On the training data we will fit two models. The first is `log(price) ~ log(carat)` which we saw in lecture. The second, `log(price) ~ log(carat) + .^2`, contains hundreds more interaction terms:

In [18]:
mod1 = lm(log(price) ~ log(carat), df$train)
mod2 = lm(log(price) ~ log(carat) + .^2, df$train)

ERROR: Error in df$train: object of type 'closure' is not subsettable


`mod2` is a much better predictor of `log(price)` on the training data set:

In [20]:
ssr(df$train, mod1)
ssr(df$train, mod2)

ERROR: Error in ssr(df$train, mod1): could not find function "ssr"

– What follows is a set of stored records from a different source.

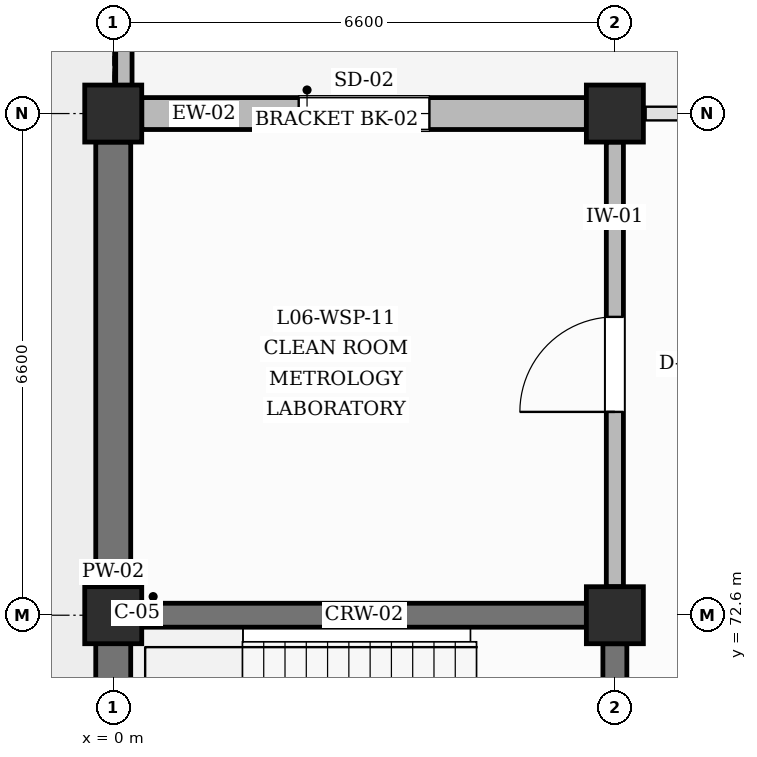
"""IFC4 building model, lengths in metres.
Left out: names, types, materials, properties, quantities, classifications, styles, units other than length and angle.
Written with IfcOpenShell. Run it as: python <this file> out.ifc"""

import sys

from ifc_helpers import new_model, si_unit, direction, frame, frame_2d, origin, origin_2d, place, context, subcontext, project, spatial, rectangle, extrude, element, fill, save


model = new_model("IFC4")
c1 = context("Model", 3, precision=1e-05, world=origin(), true_north=direction((0.0, 1.0)))
c2 = subcontext(c1, "Body", "Model", "MODEL_VIEW")
j1 = project(units=[si_unit("LENGTHUNIT", "METRE"), si_unit("PLANEANGLEUNIT", "RADIAN")], contexts=[c1])
p1 = place(None, origin())
s1 = spatial("IfcSite", under=j1, at=p1, CompositionType="ELEMENT")
p2 = place(p1, origin())
s2 = spatial("IfcBuilding", under=s1, at=p2, CompositionType="ELEMENT")
p3 = place(p2, frame((0.0, 0.0, 27.0)))
s3 = spatial("IfcBuildingStorey", under=s2, at=p3, CompositionType="ELEMENT", Elevation=27.0)
for number, where, z_axis, x_axis in (
    (1, (0.0, 72.6, 0.0), (0.0, 0.0, 1.0), (1.0, 0.0, 0.0)),
    (2, (0.0, 79.2, 0.0), (0.0, 0.0, 1.0), (1.0, 0.0, 0.0)),
    (3, (6.6, 72.6, 0.0), (0.0, 0.0, 1.0), (1.0, 0.0, 0.0)),
    (4, (6.6, 79.2, 0.0), (0.0, 0.0, 1.0), (1.0, 0.0, 0.0)),
):
    element("IfcColumn", number, at=place(p3, frame(where, z_axis=z_axis, x_axis=x_axis)), inside=s3, PredefinedType="COLUMN", context=c2, shape_type="SweptSolid", body=[
        extrude(rectangle(XDim=0.75, YDim=0.75, at=origin_2d()), origin(), (0.0, 0.0, 1.0), 4.2),
    ])
p4 = place(p3, frame((0.0, 66.375, 0.0), z_axis=(0.0, 0.0, 1.0), x_axis=(0.0, 1.0, 0.0)))
e5 = element("IfcWall", 5, at=p4, inside=s3, PredefinedType="SOLIDWALL", context=c2, shape_type="SweptSolid", body=[
    extrude(rectangle(XDim=5.85, YDim=0.46, at=frame_2d((2.925, 0.0))), origin(), (0.0, 0.0, 1.0), 3.27),
])
p5 = place(p3, frame((0.375, 79.2, 0.0), z_axis=(0.0, 0.0, 1.0), x_axis=(1.0, 0.0, 0.0)))
e6 = element("IfcWall", 6, at=p5, inside=s3, PredefinedType="SOLIDWALL", context=c2, shape_type="SweptSolid", body=[
    extrude(rectangle(XDim=5.85, YDim=0.42, at=frame_2d((2.925, 0.0))), origin(), (0.0, 0.0, 1.0), 3.27),
])
p6 = place(p5, frame((2.065, 0.0, 0.95)))
e7 = element("IfcOpeningElement", 7, at=p6, cuts=e6, PredefinedType="OPENING", context=c2, shape_type="SweptSolid", body=[
    extrude(rectangle(XDim=1.72, YDim=1.74, at=frame_2d((0.86, 0.87))), frame((0.0, 0.22, 0.0), z_axis=(0.0, -1.0, 0.0), x_axis=(1.0, 0.0, 0.0)), (0.0, 0.0, 1.0), 0.44),
])
p7 = place(p3, frame((0.0, 72.975, 0.0), z_axis=(0.0, 0.0, 1.0), x_axis=(0.0, 1.0, 0.0)))
e8 = element("IfcWall", 8, at=p7, inside=s3, PredefinedType="SOLIDWALL", context=c2, shape_type="SweptSolid", body=[
    extrude(rectangle(XDim=5.85, YDim=0.46, at=frame_2d((2.925, 0.0))), origin(), (0.0, 0.0, 1.0), 3.27),
])
p8 = place(p3, frame((0.14, 79.5, 0.0), z_axis=(0.0, 0.0, 1.0), x_axis=(0.0, 1.0, 0.0)))
e9 = element("IfcWall", 9, at=p8, inside=s3, PredefinedType="PARAPET", context=c2, shape_type="SweptSolid", body=[
    extrude(rectangle(XDim=6.0, YDim=0.215, at=frame_2d((3.0, 0.0))), origin(), (0.0, 0.0, 1.0), 1.15),
])
p9 = place(p3, frame((0.375, 72.6, 0.0), z_axis=(0.0, 0.0, 1.0), x_axis=(1.0, 0.0, 0.0)))
e10 = element("IfcWall", 10, at=p9, inside=s3, PredefinedType="SHEAR", context=c2, shape_type="SweptSolid", body=[
    extrude(rectangle(XDim=5.85, YDim=0.315, at=frame_2d((2.925, 0.0))), origin(), (0.0, 0.0, 1.0), 3.17),
])
p10 = place(p3, frame((6.6, 66.375, 0.0), z_axis=(0.0, 0.0, 1.0), x_axis=(0.0, 1.0, 0.0)))
e11 = element("IfcWall", 11, at=p10, inside=s3, PredefinedType="SHEAR", context=c2, shape_type="SweptSolid", body=[
    extrude(rectangle(XDim=5.85, YDim=0.315, at=frame_2d((2.925, 0.0))), origin(), (0.0, 0.0, 1.0), 3.17),
])
p11 = place(p10, frame((2.35, 0.0, 0.0)))
e12 = element("IfcOpeningElement", 12, at=p11, cuts=e11, PredefinedType="OPENING", context=c2, shape_type="SweptSolid", body=[
    extrude(rectangle(XDim=1.15, YDim=2.2, at=frame_2d((0.575, 1.1))), frame((0.0, 0.167, 0.0), z_axis=(0.0, -1.0, 0.0), x_axis=(1.0, 0.0, 0.0)), (0.0, 0.0, 1.0), 0.335),
])
p12 = place(p3, frame((6.6, 72.975, 0.0), z_axis=(0.0, 0.0, 1.0), x_axis=(0.0, 1.0, 0.0)))
e13 = element("IfcWall", 13, at=p12, inside=s3, PredefinedType="PARTITIONING", context=c2, shape_type="SweptSolid", body=[
    extrude(rectangle(XDim=5.85, YDim=0.225, at=frame_2d((2.925, 0.0))), origin(), (0.0, 0.0, 1.0), 3.17),
])
p13 = place(p12, frame((2.3, 0.0, 0.0)))
e14 = element("IfcOpeningElement", 14, at=p13, cuts=e13, PredefinedType="OPENING", context=c2, shape_type="SweptSolid", body=[
    extrude(rectangle(XDim=1.25, YDim=2.25, at=frame_2d((0.625, 1.125))), frame((0.0, 0.123, 0.0), z_axis=(0.0, -1.0, 0.0), x_axis=(1.0, 0.0, 0.0)), (0.0, 0.0, 1.0), 0.245),
])
p14 = place(p6, origin())
e15 = element("IfcWindow", 15, at=p14, inside=s3, PartitioningType="DOUBLE_PANEL_VERTICAL", PredefinedType="WINDOW", context=c2, shape_type="SweptSolid", body=[
    extrude(rectangle(XDim=1.72, YDim=1.74, at=frame_2d((0.86, 0.87))), frame((0.0, 0.03, 0.0), z_axis=(0.0, -1.0, 0.0), x_axis=(1.0, 0.0, 0.0)), (0.0, 0.0, 1.0), 0.06),
])
fill(e7, e15)
p15 = place(p13, origin())
e16 = element("IfcDoor", 16, at=p15, inside=s3, OperationType="SINGLE_SWING_LEFT", PredefinedType="DOOR", context=c2, shape_type="SweptSolid", body=[
    extrude(rectangle(XDim=1.25, YDim=2.25, at=frame_2d((0.625, 1.125))), frame((0.0, 0.025, 0.0), z_axis=(0.0, -1.0, 0.0), x_axis=(1.0, 0.0, 0.0)), (0.0, 0.0, 1.0), 0.05),
])
fill(e14, e16)
save(model, sys.argv[1])

However, `mod2` does much *worse* if we compare them on the test data set:

In [None]:
ssr(df$test, mod1)
ssr(df$test, mod2)

This is called [overfitting](https://en.wikipedia.org/wiki/Overfitting). `mod2` has so many extra predictors that it can fit not only the actual patterns which are present in `df$train`, but also the random noise in that data. Since the noise is different in `df$test`, `mod2` does a worse job of predicting "out of sample".